Sa légendaire souci du coût, notamment en abaissant les plafonds des usines pour économiser sur la climatisation, n'était pas seulement une excentricité ; c'était une philosophie profondément ancrée qui a conduit à l'innovation et à l'abordabilité, façonnant en fin de compte le destin de l'entreprise.

Une affaire indienne improbable

Cependant, ce qui a vraiment distingué Suzuki, c’est son pari audacieux, certains pourraient dire téméraire, sur le marché indien.

Au début des années 1980, alors que le secteur automobile indien n’était qu’un murmure par rapport au rugissement d’aujourd’hui, Suzuki a pris la décision stratégique d’investir un an de bénéfices de l’entreprise dans la construction d’un constructeur automobile national.

Son ambition était claire : « être le numéro un quelque part dans le monde », une aspiration personnelle qui correspondait parfaitement au besoin de l'Inde pour un transport accessible et fiable.

À cette époque, l’Inde était un pays en retard en matière automobile, avec des ventes annuelles de voitures ne dépassant pas 40 000 unités, dominées par des modèles britanniques obsolètes.

Le gouvernement avait récemment nationalisé Maruti, un projet visant à construire une « voiture populaire » en Inde, mais son partenariat avec Renault a échoué.

Un coup du destin et une seconde chance

La recherche d'un partenaire étranger par Maruti s'avérait difficile, avec des refus de Fiat, Subaru et même Suzuki au départ.

Ce n’est que par un coup du sort qu’un directeur de Suzuki en Inde a remarqué un article de journal mentionnant un éventuel accord entre Maruti et son rival Daihatsu.

Cela a incité à appeler rapidement le siège social et, après avoir appris le refus, Suzuki lui-même a télégraphié à Maruti, les invitant à revenir au Japon pour une deuxième tentative.

Le revirement a été rapide et décisif : une lettre d'intention a été signée en quelques mois, jetant les bases d'un partenariat qui allait transformer le paysage automobile indien.

Maruti 800 : la révolution sur quatre roues

Le lancement de la berline Maruti 800, un véhicule directement inspiré de l'Alto, en 1983, n'était rien de moins qu'une révolution.

La popularité instantanée de la voiture était une indication de sa valeur sur le marché indien.

La Maruti 800 n'était pas seulement une voiture, c'était un symbole d'aspiration, un ticket pour la mobilité personnelle pour des millions de personnes.

Maruti Suzuki, comme on l'appelle désormais, a continué de dominer le marché indien, détenant environ 40 % des parts de marché à ce jour.

Suzuki a également instauré une culture d'égalité sur le lieu de travail, en introduisant des bureaux ouverts, une cantine unique pour tous et un uniforme pour tous les employés, quelle que soit leur position, une déclaration audacieuse dans l'Inde soucieuse de classe.

Un héritage qui va au-delà des voitures

Bien que toutes les initiatives n'aient pas été couronnées de succès, comme l'alliance de courte durée avec Volkswagen, l'influence de Suzuki est restée indéniable.

Il a officiellement passé le relais de PDG à son fils Toshihiro en 2016, mais est resté président pendant cinq ans supplémentaires jusqu'à l'âge de 91 ans, continuant à agir en tant que conseiller.

L'entreprise a approfondi ses liens avec Toyota, consolidant ainsi davantage son héritage.

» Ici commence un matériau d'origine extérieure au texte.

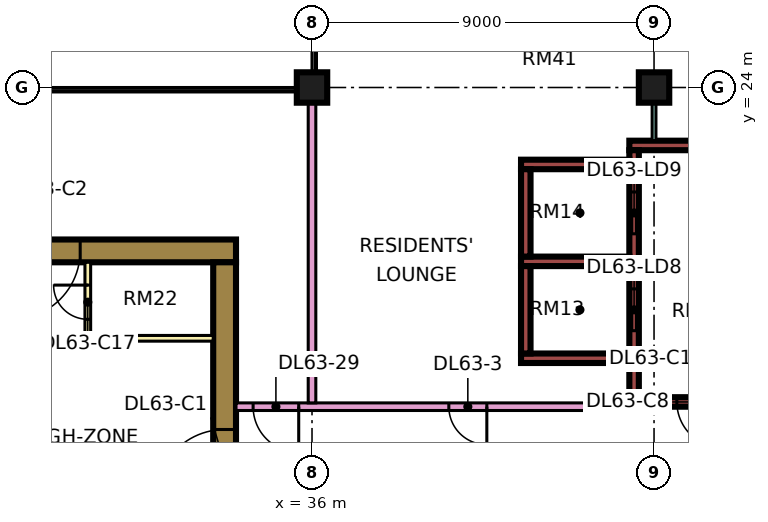
"""IFC4 building model, lengths in metres.
Left out: names, types, materials, properties, quantities, classifications, styles, units other than length and angle.
Written with IfcOpenShell. Run it as: python <this file> out.ifc"""

import sys

from ifc_helpers import new_model, si_unit, direction, frame, frame_2d, origin, origin_2d, place, context, subcontext, project, spatial, rectangle, extrude, element, fill, save


model = new_model("IFC4")
c1 = context("Model", 3, precision=1e-05, world=origin(), true_north=direction((0.0, 1.0)))
c2 = subcontext(c1, "Body", "Model", "MODEL_VIEW")
j1 = project(units=[si_unit("LENGTHUNIT", "METRE"), si_unit("PLANEANGLEUNIT", "RADIAN")], contexts=[c1])
p1 = place(None, origin())
s1 = spatial("IfcSite", under=j1, at=p1, CompositionType="ELEMENT")
p2 = place(p1, origin())
s2 = spatial("IfcBuilding", under=s1, at=p2, CompositionType="ELEMENT")
p3 = place(p2, frame((0.0, 0.0, 273.4)))
s3 = spatial("IfcBuildingStorey", under=s2, at=p3, CompositionType="ELEMENT", Elevation=273.4)
for number, where, z_axis, x_axis in (
    (1, (36.0, 24.0, 0.0), (0.0, 0.0, 1.0), (1.0, 0.0, 0.0)),
    (2, (45.0, 24.0, 0.0), (0.0, 0.0, 1.0), (1.0, 0.0, 0.0)),
):
    element("IfcColumn", number, at=place(p3, frame(where, z_axis=z_axis, x_axis=x_axis)), inside=s3, PredefinedType="COLUMN", context=c2, shape_type="SweptSolid", body=[
        extrude(rectangle(XDim=0.8, YDim=0.8, at=origin_2d()), origin(), (0.0, 0.0, 1.0), 3.75),
    ])
p4 = place(p3, frame((9.0, 19.7, 0.0), z_axis=(0.0, 0.0, 1.0), x_axis=(1.0, 0.0, 0.0)))
e3 = element("IfcWall", 3, at=p4, inside=s3, PredefinedType="SHEAR", context=c2, shape_type="SweptSolid", body=[
    extrude(rectangle(XDim=25.0, YDim=0.6, at=frame_2d((12.5, 0.0))), origin(), (0.0, 0.0, 1.0), 3.75),
])
p5 = place(p4, frame((19.1, 0.0, 0.0)))
e4 = element("IfcOpeningElement", 4, at=p5, cuts=e3, PredefinedType="OPENING", context=c2, shape_type="SweptSolid", body=[
    extrude(rectangle(XDim=1.8, YDim=2.4, at=frame_2d((0.9, 1.2))), frame((0.0, 0.31, 0.0), z_axis=(0.0, -1.0, 0.0), x_axis=(1.0, 0.0, 0.0)), (0.0, 0.0, 1.0), 0.62),
])
p6 = place(p3, frame((33.7, 7.6, 0.0), z_axis=(0.0, 0.0, 1.0), x_axis=(0.0, 1.0, 0.0)))
e5 = element("IfcWall", 5, at=p6, inside=s3, PredefinedType="SHEAR", context=c2, shape_type="SweptSolid", body=[
    extrude(rectangle(XDim=11.8, YDim=0.6, at=frame_2d((5.9, 0.0))), origin(), (0.0, 0.0, 1.0), 3.75),
])
p7 = place(p6, frame((5.6, 0.0, 0.0)))
e6 = element("IfcOpeningElement", 6, at=p7, cuts=e5, PredefinedType="OPENING", context=c2, shape_type="SweptSolid", body=[
    extrude(rectangle(XDim=1.8, YDim=2.4, at=frame_2d((0.9, 1.2))), frame((0.0, 0.31, 0.0), z_axis=(0.0, -1.0, 0.0), x_axis=(1.0, 0.0, 0.0)), (0.0, 0.0, 1.0), 0.62),
])
p8 = place(p3, frame((44.35, 15.725, 0.0), z_axis=(0.0, 0.0, 1.0), x_axis=(1.0, 0.0, 0.0)))
e7 = element("IfcWall", 7, at=p8, inside=s3, PredefinedType="SHEAR", context=c2, shape_type="SweptSolid", body=[
    extrude(rectangle(XDim=3.425, YDim=0.25, at=frame_2d((1.712, 0.0))), origin(), (0.0, 0.0, 1.0), 3.75),
])
p9 = place(p8, frame((1.25, 0.0, 0.0)))
e8 = element("IfcOpeningElement", 8, at=p9, cuts=e7, PredefinedType="OPENING", context=c2, shape_type="SweptSolid", body=[
    extrude(rectangle(XDim=1.2, YDim=2.2, at=frame_2d((0.6, 1.1))), frame((0.0, 0.135, 0.0), z_axis=(0.0, -1.0, 0.0), x_axis=(1.0, 0.0, 0.0)), (0.0, 0.0, 1.0), 0.27),
])
p10 = place(p3, frame((44.35, 22.475, 0.0), z_axis=(0.0, 0.0, 1.0), x_axis=(1.0, 0.0, 0.0)))
e9 = element("IfcWall", 9, at=p10, inside=s3, PredefinedType="SHEAR", context=c2, shape_type="SweptSolid", body=[
    extrude(rectangle(XDim=3.425, YDim=0.25, at=frame_2d((1.712, 0.0))), origin(), (0.0, 0.0, 1.0), 3.75),
])
p11 = place(p3, frame((44.475, 15.85, 0.0), z_axis=(0.0, 0.0, 1.0), x_axis=(0.0, 1.0, 0.0)))
e10 = element("IfcWall", 10, at=p11, inside=s3, PredefinedType="SHEAR", context=c2, shape_type="SweptSolid", body=[
    extrude(rectangle(XDim=6.5, YDim=0.25, at=frame_2d((3.25, 0.0))), origin(), (0.0, 0.0, 1.0), 3.75),
])
p12 = place(p11, frame((1.75, 0.0, 0.0)))
e11 = element("IfcOpeningElement", 11, at=p12, cuts=e10, PredefinedType="OPENING", context=c2, shape_type="SweptSolid", body=[
    extrude(rectangle(XDim=1.1, YDim=2.2, at=frame_2d((0.55, 1.1))), frame((0.0, 0.135, 0.0), z_axis=(0.0, -1.0, 0.0), x_axis=(1.0, 0.0, 0.0)), (0.0, 0.0, 1.0), 0.27),
])
p13 = place(p11, frame((4.3, 0.0, 0.0)))
e12 = element("IfcOpeningElement", 12, at=p13, cuts=e10, PredefinedType="OPENING", context=c2, shape_type="SweptSolid", body=[
    extrude(rectangle(XDim=1.1, YDim=2.2, at=frame_2d((0.55, 1.1))), frame((0.0, 0.135, 0.0), z_axis=(0.0, -1.0, 0.0), x_axis=(1.0, 0.0, 0.0)), (0.0, 0.0, 1.0), 0.27),
])
for number, where, z_axis, x_axis in (
    (13, (41.5, 16.875, 0.0), (0.0, 0.0, 1.0), (1.0, 0.0, 0.0)),
    (14, (41.5, 19.425, 0.0), (0.0, 0.0, 1.0), (1.0, 0.0, 0.0)),
    (15, (41.5, 21.975, 0.0), (0.0, 0.0, 1.0), (1.0, 0.0, 0.0)),
):
    element("IfcWall", number, at=place(p3, frame(where, z_axis=z_axis, x_axis=x_axis)), inside=s3, PredefinedType="SHEAR", context=c2, shape_type="SweptSolid", body=[
        extrude(rectangle(XDim=2.85, YDim=0.25, at=frame_2d((1.425, 0.0))), origin(), (0.0, 0.0, 1.0), 3.75),
    ])
for number, where, z_axis, x_axis in (
    (16, (41.625, 17.0, 0.0), (0.0, 0.0, 1.0), (0.0, 1.0, 0.0)),
    (17, (41.625, 19.55, 0.0), (0.0, 0.0, 1.0), (0.0, 1.0, 0.0)),
):
    element("IfcWall", number, at=place(p3, frame(where, z_axis=z_axis, x_axis=x_axis)), inside=s3, PredefinedType="SHEAR", context=c2, shape_type="SweptSolid", body=[
        extrude(rectangle(XDim=2.3, YDim=0.25, at=frame_2d((1.15, 0.0))), origin(), (0.0, 0.0, 1.0), 3.75),
    ])
p14 = place(p3, frame((30.1, 17.4, 0.0), z_axis=(0.0, 0.0, 1.0), x_axis=(0.0, 1.0, 0.0)))
e18 = element("IfcWall", 18, at=p14, inside=s3, PredefinedType="PARTITIONING", context=c2, shape_type="SweptSolid", body=[
    extrude(rectangle(XDim=2.0, YDim=0.15, at=frame_2d((1.0, 0.0))), origin(), (0.0, 0.0, 1.0), 3.35),
])
p15 = place(p14, frame((0.5, 0.0, 0.0)))
e19 = element("IfcOpeningElement", 19, at=p15, cuts=e18, PredefinedType="OPENING", context=c2, shape_type="SweptSolid", body=[
    extrude(rectangle(XDim=0.9, YDim=2.1, at=frame_2d((0.45, 1.05))), frame((0.0, 0.085, 0.0), z_axis=(0.0, -1.0, 0.0), x_axis=(1.0, 0.0, 0.0)), (0.0, 0.0, 1.0), 0.17),
])
p16 = place(p3, frame((30.1, 17.4, 0.0), z_axis=(0.0, 0.0, 1.0), x_axis=(1.0, 0.0, 0.0)))
e20 = element("IfcWall", 20, at=p16, inside=s3, PredefinedType="PARTITIONING", context=c2, shape_type="SweptSolid", body=[
    extrude(rectangle(XDim=3.3, YDim=0.15, at=frame_2d((1.65, 0.0))), origin(), (0.0, 0.0, 1.0), 3.35),
])
p17 = place(p3, frame((34.0, 15.6, 0.0), z_axis=(0.0, 0.0, 1.0), x_axis=(1.0, 0.0, 0.0)))
e21 = element("IfcWall", 21, at=p17, inside=s3, PredefinedType="PARTITIONING", context=c2, shape_type="SweptSolid", body=[
    extrude(rectangle(XDim=10.35, YDim=0.2, at=frame_2d((5.175, 0.0))), origin(), (0.0, 0.0, 1.0), 3.35),
])
p18 = place(p17, frame((5.6, 0.0, 0.0)))
e22 = element("IfcOpeningElement", 22, at=p18, cuts=e21, PredefinedType="OPENING", context=c2, shape_type="SweptSolid", body=[
    extrude(rectangle(XDim=1.0, YDim=2.1, at=frame_2d((0.5, 1.05))), frame((0.0, 0.11, 0.0), z_axis=(0.0, -1.0, 0.0), x_axis=(1.0, 0.0, 0.0)), (0.0, 0.0, 1.0), 0.22),
])
p19 = place(p17, frame((0.45, 0.0, 0.0)))
e23 = element("IfcOpeningElement", 23, at=p19, cuts=e21, PredefinedType="OPENING", context=c2, shape_type="SweptSolid", body=[
    extrude(rectangle(XDim=1.2, YDim=2.1, at=frame_2d((0.6, 1.05))), frame((0.0, 0.11, 0.0), z_axis=(0.0, -1.0, 0.0), x_axis=(1.0, 0.0, 0.0)), (0.0, 0.0, 1.0), 0.22),
])
p20 = place(p3, frame((36.0, 15.7, 0.0), z_axis=(0.0, 0.0, 1.0), x_axis=(0.0, 1.0, 0.0)))
e24 = element("IfcWall", 24, at=p20, inside=s3, PredefinedType="PARTITIONING", context=c2, shape_type="SweptSolid", body=[
    extrude(rectangle(XDim=8.3, YDim=0.2, at=frame_2d((4.15, 0.0))), origin(), (0.0, 0.0, 1.0), 3.35),
])
p21 = place(p3, frame((45.0, 22.6, 0.0), z_axis=(0.0, 0.0, 1.0), x_axis=(0.0, 1.0, 0.0)))
e25 = element("IfcWall", 25, at=p21, inside=s3, PredefinedType="PARTITIONING", context=c2, shape_type="SweptSolid", body=[
    extrude(rectangle(XDim=1.4, YDim=0.1, at=frame_2d((0.7, 0.0))), origin(), (0.0, 0.0, 1.0), 3.35),
])
p22 = place(p7, origin())
e26 = element("IfcDoor", 26, at=p22, inside=s3, OperationType="DOUBLE_DOOR_SINGLE_SWING", PredefinedType="DOOR", context=c2, shape_type="SweptSolid", body=[
    extrude(rectangle(XDim=1.8, YDim=2.4, at=frame_2d((0.9, 1.2))), frame((0.0, 0.025, 0.0), z_axis=(0.0, -1.0, 0.0), x_axis=(1.0, 0.0, 0.0)), (0.0, 0.0, 1.0), 0.05),
])
fill(e6, e26)
p23 = place(p5, frame((1.8, 0.0, 0.0), z_axis=(0.0, 0.0, 1.0), x_axis=(-1.0, 0.0, 0.0)))
e27 = element("IfcDoor", 27, at=p23, inside=s3, OperationType="DOUBLE_DOOR_SINGLE_SWING", PredefinedType="DOOR", context=c2, shape_type="SweptSolid", body=[
    extrude(rectangle(XDim=1.8, YDim=2.4, at=frame_2d((0.9, 1.2))), frame((0.0, 0.025, 0.0), z_axis=(0.0, -1.0, 0.0), x_axis=(1.0, 0.0, 0.0)), (0.0, 0.0, 1.0), 0.05),
])
fill(e4, e27)
p24 = place(p9, origin())
e28 = element("IfcDoor", 28, at=p24, inside=s3, OperationType="SINGLE_SWING_RIGHT", PredefinedType="DOOR", context=c2, shape_type="SweptSolid", body=[
    extrude(rectangle(XDim=1.2, YDim=2.2, at=frame_2d((0.6, 1.1))), frame((0.0, 0.025, 0.0), z_axis=(0.0, -1.0, 0.0), x_axis=(1.0, 0.0, 0.0)), (0.0, 0.0, 1.0), 0.05),
])
fill(e8, e28)
p25 = place(p12, origin())
e29 = element("IfcDoor", 29, at=p25, inside=s3, OperationType="DOUBLE_DOOR_SLIDING", PredefinedType="DOOR", context=c2, shape_type="SweptSolid", body=[
    extrude(rectangle(XDim=1.1, YDim=2.2, at=frame_2d((0.55, 1.1))), frame((0.0, 0.025, 0.0), z_axis=(0.0, -1.0, 0.0), x_axis=(1.0, 0.0, 0.0)), (0.0, 0.0, 1.0), 0.05),
])
fill(e11, e29)
p26 = place(p13, origin())
e30 = element("IfcDoor", 30, at=p26, inside=s3, OperationType="DOUBLE_DOOR_SLIDING", PredefinedType="DOOR", context=c2, shape_type="SweptSolid", body=[
    extrude(rectangle(XDim=1.1, YDim=2.2, at=frame_2d((0.55, 1.1))), frame((0.0, 0.025, 0.0), z_axis=(0.0, -1.0, 0.0), x_axis=(1.0, 0.0, 0.0)), (0.0, 0.0, 1.0), 0.05),
])
fill(e12, e30)
p27 = place(p15, frame((0.9, 0.0, 0.0), z_axis=(0.0, 0.0, 1.0), x_axis=(-1.0, 0.0, 0.0)))
e31 = element("IfcDoor", 31, at=p27, inside=s3, OperationType="SINGLE_SWING_RIGHT", PredefinedType="DOOR", context=c2, shape_type="SweptSolid", body=[
    extrude(rectangle(XDim=0.9, YDim=2.1, at=frame_2d((0.45, 1.05))), frame((0.0, 0.025, 0.0), z_axis=(0.0, -1.0, 0.0), x_axis=(1.0, 0.0, 0.0)), (0.0, 0.0, 1.0), 0.05),
])
fill(e19, e31)
p28 = place(p18, origin())
e32 = element("IfcDoor", 32, at=p28, inside=s3, OperationType="SINGLE_SWING_RIGHT", PredefinedType="DOOR", context=c2, shape_type="SweptSolid", body=[
    extrude(rectangle(XDim=1.0, YDim=2.1, at=frame_2d((0.5, 1.05))), frame((0.0, 0.025, 0.0), z_axis=(0.0, -1.0, 0.0), x_axis=(1.0, 0.0, 0.0)), (0.0, 0.0, 1.0), 0.05),
])
fill(e22, e32)
p29 = place(p19, origin())
e33 = element("IfcDoor", 33, at=p29, inside=s3, OperationType="SINGLE_SWING_RIGHT", PredefinedType="DOOR", context=c2, shape_type="SweptSolid", body=[
    extrude(rectangle(XDim=1.2, YDim=2.1, at=frame_2d((0.6, 1.05))), frame((0.0, 0.025, 0.0), z_axis=(0.0, -1.0, 0.0), x_axis=(1.0, 0.0, 0.0)), (0.0, 0.0, 1.0), 0.05),
])
fill(e23, e33)
save(model, sys.argv[1])

Son approche était simple : travailler dur et jouer au golf.

Comme l'a déclaré le président de Toyota, Akio Toyoda : « Pour moi, il était plus qu'un dirigeant d'entreprise admiré : il était comme un père. »

L'impact durable de Suzuki sur l'Inde reste sa plus grande réussite : ses voitures ont façonné l'identité du pays et sa vision est toujours la force motrice de la dynamique culture automobile indienne.